Let's view our MLFlow experiments and runs.

In [None]:
# Function to list MLFlow experiments
def list_mlflow_experiments():
    """List all MLFlow experiments"""
    experiments = mlflow.search_experiments()
    
    if experiments:
        print("MLFlow Experiments:")
        for exp in experiments:
            print(f"  - {exp.name} (ID: {exp.experiment_id})")
            
            # Get runs for this experiment
            runs = mlflow.search_runs(experiment_ids=[exp.experiment_id])
            print(f"    Runs: {len(runs)}")
            
            if len(runs) > 0:
                print("    Recent runs:")
                for _, run in runs.head(3).iterrows():
                    run_name = run.get('tags.mlflow.runName', 'Unnamed')
                    status = run.get('status', 'Unknown')
                    print(f"      - {run_name} ({status})")
            print()
    else:
        print("No MLFlow experiments found")

# List experiments
list_mlflow_experiments()

## 5. Summary and Next Steps

In this notebook, we've explored the drone imagery dataset, prepared the structure for YOLOv11 training, created a Ground Truth labeling job, and tracked our work with MLFlow.

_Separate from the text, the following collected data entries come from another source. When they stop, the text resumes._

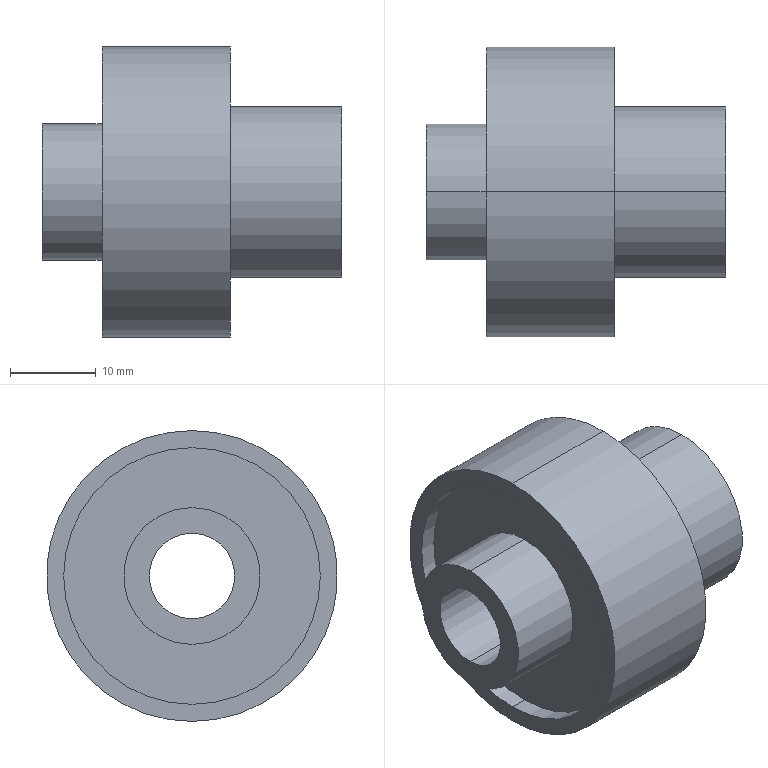Component | SolidWorks | IntermediateAxisSleeve-1 | 1 solid | 15 faces | box 35 x 34 x 34 mm | volume 15350 mm3 | cylinder 10 | plane 5 | commonest cylinder face diameters 10 x2 20 x2 34 x2 30 x2 16 x2 | material AISI 1045 Steel, Cold Drawn
build123d program:
from build123d import *


with BuildPart() as part:
    # Sketch1 → Revolve1 (revolve)
    with BuildSketch(Plane.XY, mode=Mode.PRIVATE) as revolve1_sk:
        Polygon((0, 5), (35, 5), (35, 10), (22, 10), (22, 17), (7, 17), (7, 15), (9, 15), (9, 8), (0, 8), align=None)
    revolve(revolve1_sk.sketch.rotate(Axis((-61.655, 0, 0), (1, 0, 0)), 90), axis=Axis((-61.655, 0, 0), (1, 0, 0)))


solid = part.part

# Placed as in the assembly
solid = solid.moved(Location((189.062, 15.116, 349), (0, 0, 0)))
STEP:
#1=CARTESIAN_POINT('',(8.821,0.5951,13.543));
#2=VERTEX_POINT('',#1);
#3=CARTESIAN_POINT('',(8.821,0.5951,13.937));
#4=VERTEX_POINT('',#3);
#5=CARTESIAN_POINT('',(8.821,0.5951,13.74));
#6=DIRECTION('',(-1.,0.,0.));
#7=DIRECTION('',(0.,0.,1.));
#8=AXIS2_PLACEMENT_3D('',#5,#6,#7);
#9=CIRCLE('',#8,0.1969);
#10=EDGE_CURVE('',#2,#4,#9,.T.);
#11=ORIENTED_EDGE('',*,*,#10,.F.);
#12=CARTESIAN_POINT('',(7.443,0.5951,13.543));
#13=VERTEX_POINT('',#12);
#14=CARTESIAN_POINT('',(5.016,0.5951,13.543));
#15=DIRECTION('',(-1.,0.,0.));
#16=VECTOR('',#15,39.37);
#17=LINE('',#14,#16);
#18=EDGE_CURVE('',#2,#13,#17,.T.);
#19=ORIENTED_EDGE('',*,*,#18,.T.);
#20=CARTESIAN_POINT('',(7.443,0.5951,13.937));
#21=VERTEX_POINT('',#20);
#22=CARTESIAN_POINT('',(7.443,0.5951,13.74));
#23=DIRECTION('',(-1.,0.,0.));
#24=DIRECTION('',(0.,0.,1.));
#25=AXIS2_PLACEMENT_3D('',#22,#23,#24);
#26=CIRCLE('',#25,0.1969);
#27=EDGE_CURVE('',#13,#21,#26,.T.);
#28=ORIENTED_EDGE('',*,*,#27,.T.);
#29=CARTESIAN_POINT('',(5.016,0.5951,13.937));
#30=DIRECTION('',(-1.,0.,0.));
#31=VECTOR('',#30,39.37);
#32=LINE('',#29,#31);
#33=EDGE_CURVE('',#4,#21,#32,.T.);
#34=ORIENTED_EDGE('',*,*,#33,.F.);
#35=EDGE_LOOP('',(#11,#19,#28,#34));
#36=FACE_OUTER_BOUND('',#35,.T.);
#37=CARTESIAN_POINT('',(5.016,0.5951,13.74));
#38=DIRECTION('',(-1.,0.,0.));
#39=DIRECTION('',(0.,0.,1.));
#40=AXIS2_PLACEMENT_3D('',#37,#38,#39);
#41=CYLINDRICAL_SURFACE('',#40,0.1969);
#42=ADVANCED_FACE('',(#36),#41,.F.);
#43=CARTESIAN_POINT('',(8.821,0.5951,14.134));
#44=VERTEX_POINT('',#43);
#45=CARTESIAN_POINT('',(8.821,0.5951,13.346));
#46=VERTEX_POINT('',#45);
#47=CARTESIAN_POINT('',(8.821,0.5951,13.74));
#48=DIRECTION('',(-1.,0.,0.));
#49=DIRECTION('',(0.,0.,1.));
#50=AXIS2_PLACEMENT_3D('',#47,#48,#49);
#51=CIRCLE('',#50,0.3937);
#52=EDGE_CURVE('',#44,#46,#51,.T.);
#53=ORIENTED_EDGE('',*,*,#52,.T.);
#54=CARTESIAN_POINT('',(8.31,0.5951,13.346));
#55=VERTEX_POINT('',#54);
#56=CARTESIAN_POINT('',(5.016,0.5951,13.346));
#57=DIRECTION('',(-1.,0.,0.));
#58=VECTOR('',#57,39.37);
#59=LINE('',#56,#58);
#60=EDGE_CURVE('',#46,#55,#59,.T.);
#61=ORIENTED_EDGE('',*,*,#60,.T.);
#62=CARTESIAN_POINT('',(8.31,0.5951,14.134));
#63=VERTEX_POINT('',#62);
#64=CARTESIAN_POINT('',(8.31,0.5951,13.74));
#65=DIRECTION('',(-1.,0.,0.));
#66=DIRECTION('',(0.,0.,1.));
#67=AXIS2_PLACEMENT_3D('',#64,#65,#66);
#68=CIRCLE('',#67,0.3937);
#69=EDGE_CURVE('',#63,#55,#68,.T.);
#70=ORIENTED_EDGE('',*,*,#69,.F.);
#71=CARTESIAN_POINT('',(5.016,0.5951,14.134));
#72=DIRECTION('',(-1.,0.,0.));
#73=VECTOR('',#72,39.37);
#74=LINE('',#71,#73);
#75=EDGE_CURVE('',#44,#63,#74,.T.);
#76=ORIENTED_EDGE('',*,*,#75,.F.);
#77=EDGE_LOOP('',(#53,#61,#70,#76));
#78=FACE_OUTER_BOUND('',#77,.T.);
#79=CARTESIAN_POINT('',(5.016,0.5951,13.74));
#80=DIRECTION('',(-1.,0.,0.));
#81=DIRECTION('',(0.,0.,1.));
#82=AXIS2_PLACEMENT_3D('',#79,#80,#81);
#83=CYLINDRICAL_SURFACE('',#82,0.3937);
#84=ADVANCED_FACE('',(#78),#83,.T.);
#85=CARTESIAN_POINT('',(8.31,0.5951,14.409));
#86=VERTEX_POINT('',#85);
#87=CARTESIAN_POINT('',(8.31,0.5951,13.071));
#88=VERTEX_POINT('',#87);
#89=CARTESIAN_POINT('',(8.31,0.5951,13.74));
#90=DIRECTION('',(-1.,0.,0.));
#91=DIRECTION('',(0.,0.,1.));
#92=AXIS2_PLACEMENT_3D('',#89,#90,#91);
#93=CIRCLE('',#92,0.6693);
#94=EDGE_CURVE('',#86,#88,#93,.T.);
#95=ORIENTED_EDGE('',*,*,#94,.T.);
#96=CARTESIAN_POINT('',(7.719,0.5951,13.071));
#97=VERTEX_POINT('',#96);
#98=CARTESIAN_POINT('',(5.016,0.5951,13.071));
#99=DIRECTION('',(-1.,0.,0.));
#100=VECTOR('',#99,39.37);
#101=LINE('',#98,#100);
#102=EDGE_CURVE('',#88,#97,#101,.T.);
#103=ORIENTED_EDGE('',*,*,#102,.T.);
#104=CARTESIAN_POINT('',(7.719,0.5951,14.409));
#105=VERTEX_POINT('',#104);
#106=CARTESIAN_POINT('',(7.719,0.5951,13.74));
#107=DIRECTION('',(-1.,0.,0.));
#108=DIRECTION('',(0.,0.,1.));
#109=AXIS2_PLACEMENT_3D('',#106,#107,#108);
#110=CIRCLE('',#109,0.6693);
#111=EDGE_CURVE('',#105,#97,#110,.T.);
#112=ORIENTED_EDGE('',*,*,#111,.F.);
#113=CARTESIAN_POINT('',(5.016,0.5951,14.409));
#114=DIRECTION('',(-1.,0.,0.));
#115=VECTOR('',#114,39.37);
#116=LINE('',#113,#115);
#117=EDGE_CURVE('',#86,#105,#116,.T.);
#118=ORIENTED_EDGE('',*,*,#117,.F.);
#119=EDGE_LOOP('',(#95,#103,#112,#118));
#120=FACE_OUTER_BOUND('',#119,.T.);
#121=CARTESIAN_POINT('',(5.016,0.5951,13.74));
#122=DIRECTION('',(-1.,0.,0.));
#123=DIRECTION('',(0.,0.,1.));
#124=AXIS2_PLACEMENT_3D('',#121,#122,#123);
#125=CYLINDRICAL_SURFACE('',#124,0.6693);
#126=ADVANCED_FACE('',(#120),#125,.T.);
#127=CARTESIAN_POINT('',(7.798,0.5951,13.15));
#128=VERTEX_POINT('',#127);
#129=CARTESIAN_POINT('',(7.798,0.5951,14.331));
#130=VERTEX_POINT('',#129);
#131=CARTESIAN_POINT('',(7.798,0.5951,13.74));
#132=DIRECTION('',(-1.,0.,0.));
#133=DIRECTION('',(0.,0.,1.));
#134=AXIS2_PLACEMENT_3D('',#131,#132,#133);
#135=CIRCLE('',#134,0.5906);
#136=EDGE_CURVE('',#128,#130,#135,.T.);
#137=ORIENTED_EDGE('',*,*,#136,.F.);
#138=CARTESIAN_POINT('',(7.719,0.5951,13.15));
#139=VERTEX_POINT('',#138);
#140=CARTESIAN_POINT('',(5.016,0.5951,13.15));
#141=DIRECTION('',(-1.,0.,0.));
#142=VECTOR('',#141,39.37);
#143=LINE('',#140,#142);
#144=EDGE_CURVE('',#128,#139,#143,.T.);
#145=ORIENTED_EDGE('',*,*,#144,.T.);
#146=CARTESIAN_POINT('',(7.719,0.5951,14.331));
#147=VERTEX_POINT('',#146);
#148=CARTESIAN_POINT('',(7.719,0.5951,13.74));
#149=DIRECTION('',(-1.,0.,0.));
#150=DIRECTION('',(0.,0.,1.));
#151=AXIS2_PLACEMENT_3D('',#148,#149,#150);
#152=CIRCLE('',#151,0.5906);
#153=EDGE_CURVE('',#139,#147,#152,.T.);
#154=ORIENTED_EDGE('',*,*,#153,.T.);
#155=CARTESIAN_POINT('',(5.016,0.5951,14.331));
#156=DIRECTION('',(-1.,0.,0.));
#157=VECTOR('',#156,39.37);
#158=LINE('',#155,#157);
#159=EDGE_CURVE('',#130,#147,#158,.T.);
#160=ORIENTED_EDGE('',*,*,#159,.F.);
#161=EDGE_LOOP('',(#137,#145,#154,#160));
#162=FACE_OUTER_BOUND('',#161,.T.);
#163=CARTESIAN_POINT('',(5.016,0.5951,13.74));
#164=DIRECTION('',(-1.,0.,0.));
#165=DIRECTION('',(0.,0.,1.));
#166=AXIS2_PLACEMENT_3D('',#163,#164,#165);
#167=CYLINDRICAL_SURFACE('',#166,0.5906);
#168=ADVANCED_FACE('',(#162),#167,.F.);
#169=CARTESIAN_POINT('',(7.798,0.5951,14.055));
#170=VERTEX_POINT('',#169);
#171=CARTESIAN_POINT('',(7.798,0.5951,13.425));
#172=VERTEX_POINT('',#171);
#173=CARTESIAN_POINT('',(7.798,0.5951,13.74));
#174=DIRECTION('',(-1.,0.,0.));
#175=DIRECTION('',(0.,0.,1.));
#176=AXIS2_PLACEMENT_3D('',#173,#174,#175);
#177=CIRCLE('',#176,0.315);
#178=EDGE_CURVE('',#170,#172,#177,.T.);
#179=ORIENTED_EDGE('',*,*,#178,.T.);
#180=CARTESIAN_POINT('',(7.443,0.5951,13.425));
#181=VERTEX_POINT('',#180);
#182=CARTESIAN_POINT('',(5.016,0.5951,13.425));
#183=DIRECTION('',(-1.,0.,0.));
#184=VECTOR('',#183,39.37);
#185=LINE('',#182,#184);
#186=EDGE_CURVE('',#172,#181,#185,.T.);
#187=ORIENTED_EDGE('',*,*,#186,.T.);
#188=CARTESIAN_POINT('',(7.443,0.5951,14.055));
#189=VERTEX_POINT('',#188);
#190=CARTESIAN_POINT('',(7.443,0.5951,13.74));
#191=DIRECTION('',(-1.,0.,0.));
#192=DIRECTION('',(0.,0.,1.));
#193=AXIS2_PLACEMENT_3D('',#190,#191,#192);
#194=CIRCLE('',#193,0.315);
#195=EDGE_CURVE('',#189,#181,#194,.T.);
#196=ORIENTED_EDGE('',*,*,#195,.F.);
#197=CARTESIAN_POINT('',(5.016,0.5951,14.055));
#198=DIRECTION('',(-1.,0.,0.));
#199=VECTOR('',#198,39.37);
#200=LINE('',#197,#199);
#201=EDGE_CURVE('',#170,#189,#200,.T.);
#202=ORIENTED_EDGE('',*,*,#201,.F.);
#203=EDGE_LOOP('',(#179,#187,#196,#202));
#204=FACE_OUTER_BOUND('',#203,.T.);
#205=CARTESIAN_POINT('',(5.016,0.5951,13.74));
#206=DIRECTION('',(-1.,0.,0.));
#207=DIRECTION('',(0.,0.,1.));
#208=AXIS2_PLACEMENT_3D('',#205,#206,#207);
#209=CYLINDRICAL_SURFACE('',#208,0.315);
#210=ADVANCED_FACE('',(#204),#209,.T.);
#211=CARTESIAN_POINT('',(7.443,0.5951,13.74));
#212=DIRECTION('',(-1.,0.,0.));
#213=DIRECTION('',(0.,0.,1.));
#214=AXIS2_PLACEMENT_3D('',#211,#212,#213);
#215=CIRCLE('',#214,0.1969);
#216=EDGE_CURVE('',#21,#13,#215,.T.);
#217=ORIENTED_EDGE('',*,*,#216,.F.);
#218=ORIENTED_EDGE('',*,*,#27,.F.);
#219=EDGE_LOOP('',(#217,#218));
#220=FACE_BOUND('',#219,.T.);
#221=ORIENTED_EDGE('',*,*,#195,.T.);
#222=CARTESIAN_POINT('',(7.443,0.5951,13.74));
#223=DIRECTION('',(-1.,0.,0.));
#224=DIRECTION('',(0.,0.,1.));
#225=AXIS2_PLACEMENT_3D('',#222,#223,#224);
#226=CIRCLE('',#225,0.315);
#227=EDGE_CURVE('',#181,#189,#226,.T.);
#228=ORIENTED_EDGE('',*,*,#227,.T.);
#229=EDGE_LOOP('',(#221,#228));
#230=FACE_OUTER_BOUND('',#229,.T.);
#231=CARTESIAN_POINT('',(7.443,0.792,13.74));
#232=DIRECTION('',(1.,0.,0.));
#233=DIRECTION('',(0.,0.,-1.));
#234=AXIS2_PLACEMENT_3D('',#231,#232,#233);
#235=PLANE('',#234);
#236=ADVANCED_FACE('',(#220,#230),#235,.F.);
#237=ORIENTED_EDGE('',*,*,#186,.F.);
#238=CARTESIAN_POINT('',(7.798,0.5951,13.74));
#239=DIRECTION('',(-1.,0.,0.));
#240=DIRECTION('',(0.,0.,1.));
#241=AXIS2_PLACEMENT_3D('',#238,#239,#240);
#242=CIRCLE('',#241,0.315);
#243=EDGE_CURVE('',#172,#170,#242,.T.);
#244=ORIENTED_EDGE('',*,*,#243,.T.);
#245=ORIENTED_EDGE('',*,*,#201,.T.);
#246=ORIENTED_EDGE('',*,*,#227,.F.);
#247=EDGE_LOOP('',(#237,#244,#245,#246));
#248=FACE_OUTER_BOUND('',#247,.T.);
#249=CARTESIAN_POINT('',(5.016,0.5951,13.74));
#250=DIRECTION('',(-1.,0.,0.));
#251=DIRECTION('',(0.,0.,1.));
#252=AXIS2_PLACEMENT_3D('',#249,#250,#251);
#253=CYLINDRICAL_SURFACE('',#252,0.315);
#254=ADVANCED_FACE('',(#248),#253,.T.);
#255=ORIENTED_EDGE('',*,*,#178,.F.);
#256=ORIENTED_EDGE('',*,*,#243,.F.);
#257=EDGE_LOOP('',(#255,#256));
#258=FACE_BOUND('',#257,.T.);
#259=CARTESIAN_POINT('',(7.798,0.5951,13.74));
#260=DIRECTION('',(-1.,0.,0.));
#261=DIRECTION('',(0.,0.,1.));
#262=AXIS2_PLACEMENT_3D('',#259,#260,#261);
#263=CIRCLE('',#262,0.5906);
#264=EDGE_CURVE('',#130,#128,#263,.T.);
#265=ORIENTED_EDGE('',*,*,#264,.T.);
#266=ORIENTED_EDGE('',*,*,#136,.T.);
#267=EDGE_LOOP('',(#265,#266));
#268=FACE_OUTER_BOUND('',#267,.T.);
#269=CARTESIAN_POINT('',(7.798,0.9101,13.74));
#270=DIRECTION('',(1.,0.,0.));
#271=DIRECTION('',(0.,0.,-1.));
#272=AXIS2_PLACEMENT_3D('',#269,#270,#271);
#273=PLANE('',#272);
#274=ADVANCED_FACE('',(#258,#268),#273,.F.);
#275=ORIENTED_EDGE('',*,*,#144,.F.);
#276=ORIENTED_EDGE('',*,*,#264,.F.);
#277=ORIENTED_EDGE('',*,*,#159,.T.);
#278=CARTESIAN_POINT('',(7.719,0.5951,13.74));
#279=DIRECTION('',(-1.,0.,0.));
#280=DIRECTION('',(0.,0.,1.));
#281=AXIS2_PLACEMENT_3D('',#278,#279,#280);
#282=CIRCLE('',#281,0.5906);
#283=EDGE_CURVE('',#147,#139,#282,.T.);
#284=ORIENTED_EDGE('',*,*,#283,.T.);
#285=EDGE_LOOP('',(#275,#276,#277,#284));
#286=FACE_OUTER_BOUND('',#285,.T.);
#287=CARTESIAN_POINT('',(5.016,0.5951,13.74));
#288=DIRECTION('',(-1.,0.,0.));
#289=DIRECTION('',(0.,0.,1.));
#290=AXIS2_PLACEMENT_3D('',#287,#288,#289);
#291=CYLINDRICAL_SURFACE('',#290,0.5906);
#292=ADVANCED_FACE('',(#286),#291,.F.);
#293=ORIENTED_EDGE('',*,*,#283,.F.);
#294=ORIENTED_EDGE('',*,*,#153,.F.);
#295=EDGE_LOOP('',(#293,#294));
#296=FACE_BOUND('',#295,.T.);
#297=ORIENTED_EDGE('',*,*,#111,.T.);
#298=CARTESIAN_POINT('',(7.719,0.5951,13.74));
#299=DIRECTION('',(-1.,0.,0.));
#300=DIRECTION('',(0.,0.,1.));
#301=AXIS2_PLACEMENT_3D('',#298,#299,#300);
#302=CIRCLE('',#301,0.6693);
#303=EDGE_CURVE('',#97,#105,#302,.T.);
#304=ORIENTED_EDGE('',*,*,#303,.T.);
#305=EDGE_LOOP('',(#297,#304));
#306=FACE_OUTER_BOUND('',#305,.T.);
#307=CARTESIAN_POINT('',(7.719,1.186,13.74));
#308=DIRECTION('',(1.,0.,0.));
#309=DIRECTION('',(0.,0.,-1.));
#310=AXIS2_PLACEMENT_3D('',#307,#308,#309);
#311=PLANE('',#310);
#312=ADVANCED_FACE('',(#296,#306),#311,.F.);
#313=ORIENTED_EDGE('',*,*,#102,.F.);
#314=CARTESIAN_POINT('',(8.31,0.5951,13.74));
#315=DIRECTION('',(-1.,0.,0.));
#316=DIRECTION('',(0.,0.,1.));
#317=AXIS2_PLACEMENT_3D('',#314,#315,#316);
#318=CIRCLE('',#317,0.6693);
#319=EDGE_CURVE('',#88,#86,#318,.T.);
#320=ORIENTED_EDGE('',*,*,#319,.T.);
#321=ORIENTED_EDGE('',*,*,#117,.T.);
#322=ORIENTED_EDGE('',*,*,#303,.F.);
#323=EDGE_LOOP('',(#313,#320,#321,#322));
#324=FACE_OUTER_BOUND('',#323,.T.);
#325=CARTESIAN_POINT('',(5.016,0.5951,13.74));
#326=DIRECTION('',(-1.,0.,0.));
#327=DIRECTION('',(0.,0.,1.));
#328=AXIS2_PLACEMENT_3D('',#325,#326,#327);
#329=CYLINDRICAL_SURFACE('',#328,0.6693);
#330=ADVANCED_FACE('',(#324),#329,.T.);
#331=ORIENTED_EDGE('',*,*,#94,.F.);
#332=ORIENTED_EDGE('',*,*,#319,.F.);
#333=EDGE_LOOP('',(#331,#332));
#334=FACE_OUTER_BOUND('',#333,.T.);
#335=ORIENTED_EDGE('',*,*,#69,.T.);
#336=CARTESIAN_POINT('',(8.31,0.5951,13.74));
#337=DIRECTION('',(-1.,0.,0.));
#338=DIRECTION('',(0.,0.,1.));
#339=AXIS2_PLACEMENT_3D('',#336,#337,#338);
#340=CIRCLE('',#339,0.3937);
#341=EDGE_CURVE('',#55,#63,#340,.T.);
#342=ORIENTED_EDGE('',*,*,#341,.T.);
#343=EDGE_LOOP('',(#335,#342));
#344=FACE_BOUND('',#343,.T.);
#345=CARTESIAN_POINT('',(8.31,0.9888,13.74));
#346=DIRECTION('',(-1.,0.,0.));
#347=DIRECTION('',(0.,0.,1.));
#348=AXIS2_PLACEMENT_3D('',#345,#346,#347);
#349=PLANE('',#348);
#350=ADVANCED_FACE('',(#334,#344),#349,.F.);
#351=ORIENTED_EDGE('',*,*,#60,.F.);
#352=CARTESIAN_POINT('',(8.821,0.5951,13.74));
#353=DIRECTION('',(-1.,0.,0.));
#354=DIRECTION('',(0.,0.,1.));
#355=AXIS2_PLACEMENT_3D('',#352,#353,#354);
#356=CIRCLE('',#355,0.3937);
#357=EDGE_CURVE('',#46,#44,#356,.T.);
#358=ORIENTED_EDGE('',*,*,#357,.T.);
#359=ORIENTED_EDGE('',*,*,#75,.T.);
#360=ORIENTED_EDGE('',*,*,#341,.F.);
#361=EDGE_LOOP('',(#351,#358,#359,#360));
#362=FACE_OUTER_BOUND('',#361,.T.);
#363=CARTESIAN_POINT('',(5.016,0.5951,13.74));
#364=DIRECTION('',(-1.,0.,0.));
#365=DIRECTION('',(0.,0.,1.));
#366=AXIS2_PLACEMENT_3D('',#363,#364,#365);
#367=CYLINDRICAL_SURFACE('',#366,0.3937);
#368=ADVANCED_FACE('',(#362),#367,.T.);
#369=ORIENTED_EDGE('',*,*,#52,.F.);
#370=ORIENTED_EDGE('',*,*,#357,.F.);
#371=EDGE_LOOP('',(#369,#370));
#372=FACE_OUTER_BOUND('',#371,.T.);
#373=CARTESIAN_POINT('',(8.821,0.5951,13.74));
#374=DIRECTION('',(-1.,0.,0.));
#375=DIRECTION('',(0.,0.,1.));
#376=AXIS2_PLACEMENT_3D('',#373,#374,#375);
#377=CIRCLE('',#376,0.1969);
#378=EDGE_CURVE('',#4,#2,#377,.T.);
#379=ORIENTED_EDGE('',*,*,#378,.T.);
#380=ORIENTED_EDGE('',*,*,#10,.T.);
#381=EDGE_LOOP('',(#379,#380));
#382=FACE_BOUND('',#381,.T.);
#383=CARTESIAN_POINT('',(8.821,0.9888,13.74));
#384=DIRECTION('',(-1.,0.,0.));
#385=DIRECTION('',(0.,0.,1.));
#386=AXIS2_PLACEMENT_3D('',#383,#384,#385);
#387=PLANE('',#386);
#388=ADVANCED_FACE('',(#372,#382),#387,.F.);
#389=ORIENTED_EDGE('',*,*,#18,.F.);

Here's a summary of what we've accomplished:

1. **Data Exploration with MLFlow**:
   - Listed and displayed sample images from the S3 bucket
   - Analyzed image characteristics (dimensions, aspect ratios, file sizes)
   - Visualized image statistics
   - Tracked all metrics and artifacts in MLFlow

2. **Data Preparation**:
   - Checked for existing labeled data
   - Created YOLO dataset structure in S3
   - Logged dataset information to MLFlow

3. **Ground Truth Labeling**:
   - Configured labeling job parameters
   - Created input manifest for Ground Truth
   - Set up Ground Truth labeling job for object detection
   - Implemented job monitoring functionality

4. **Experiment Tracking**:
   - Used MLFlow to track all data exploration and labeling activities
   - Saved visualizations as artifacts
   - Logged parameters and metrics for reproducibility

### Next Steps

1. **Monitor Labeling Job**: Check the progress of your Ground Truth labeling job
2. **Complete Labeling**: Ensure all images are properly labeled
3. **Convert Labels**: Convert Ground Truth output to YOLOv11 format
4. **Organize Training Data**: Place labeled data in the YOLO structure we created
5. **Proceed to Training**: Use the ML Engineer notebook for model training
6. **Review MLFlow**: Check all experiments in the SageMaker Studio MLFlow UI

### Ground Truth Integration Benefits

- **Quality Control**: Professional annotation with quality checks
- **Scalability**: Handle large datasets efficiently
- **Cost Management**: Budget controls and cost estimation
- **Workforce Management**: Private or public workforce options
- **Integration**: Seamless integration with SageMaker training pipelines

### MLFlow Integration Benefits

- **Complete Tracking**: All data exploration and labeling activities are tracked
- **Reproducibility**: Parameters and configurations are logged
- **Collaboration**: Team members can view and compare experiments
- **Artifact Management**: Visualizations and data summaries are stored
- **Lineage**: Track data from exploration to training

### Accessing Your Work

- **MLFlow UI**: Go to "Experiments and trials" > "MLflow" in SageMaker Studio
- **Ground Truth Console**: Monitor labeling jobs in the SageMaker console
- **S3 Data**: All data and artifacts are stored in your S3 bucket

For more detailed functionality, refer to the comprehensive notebooks in the `notebooks/data-labeling/` directory.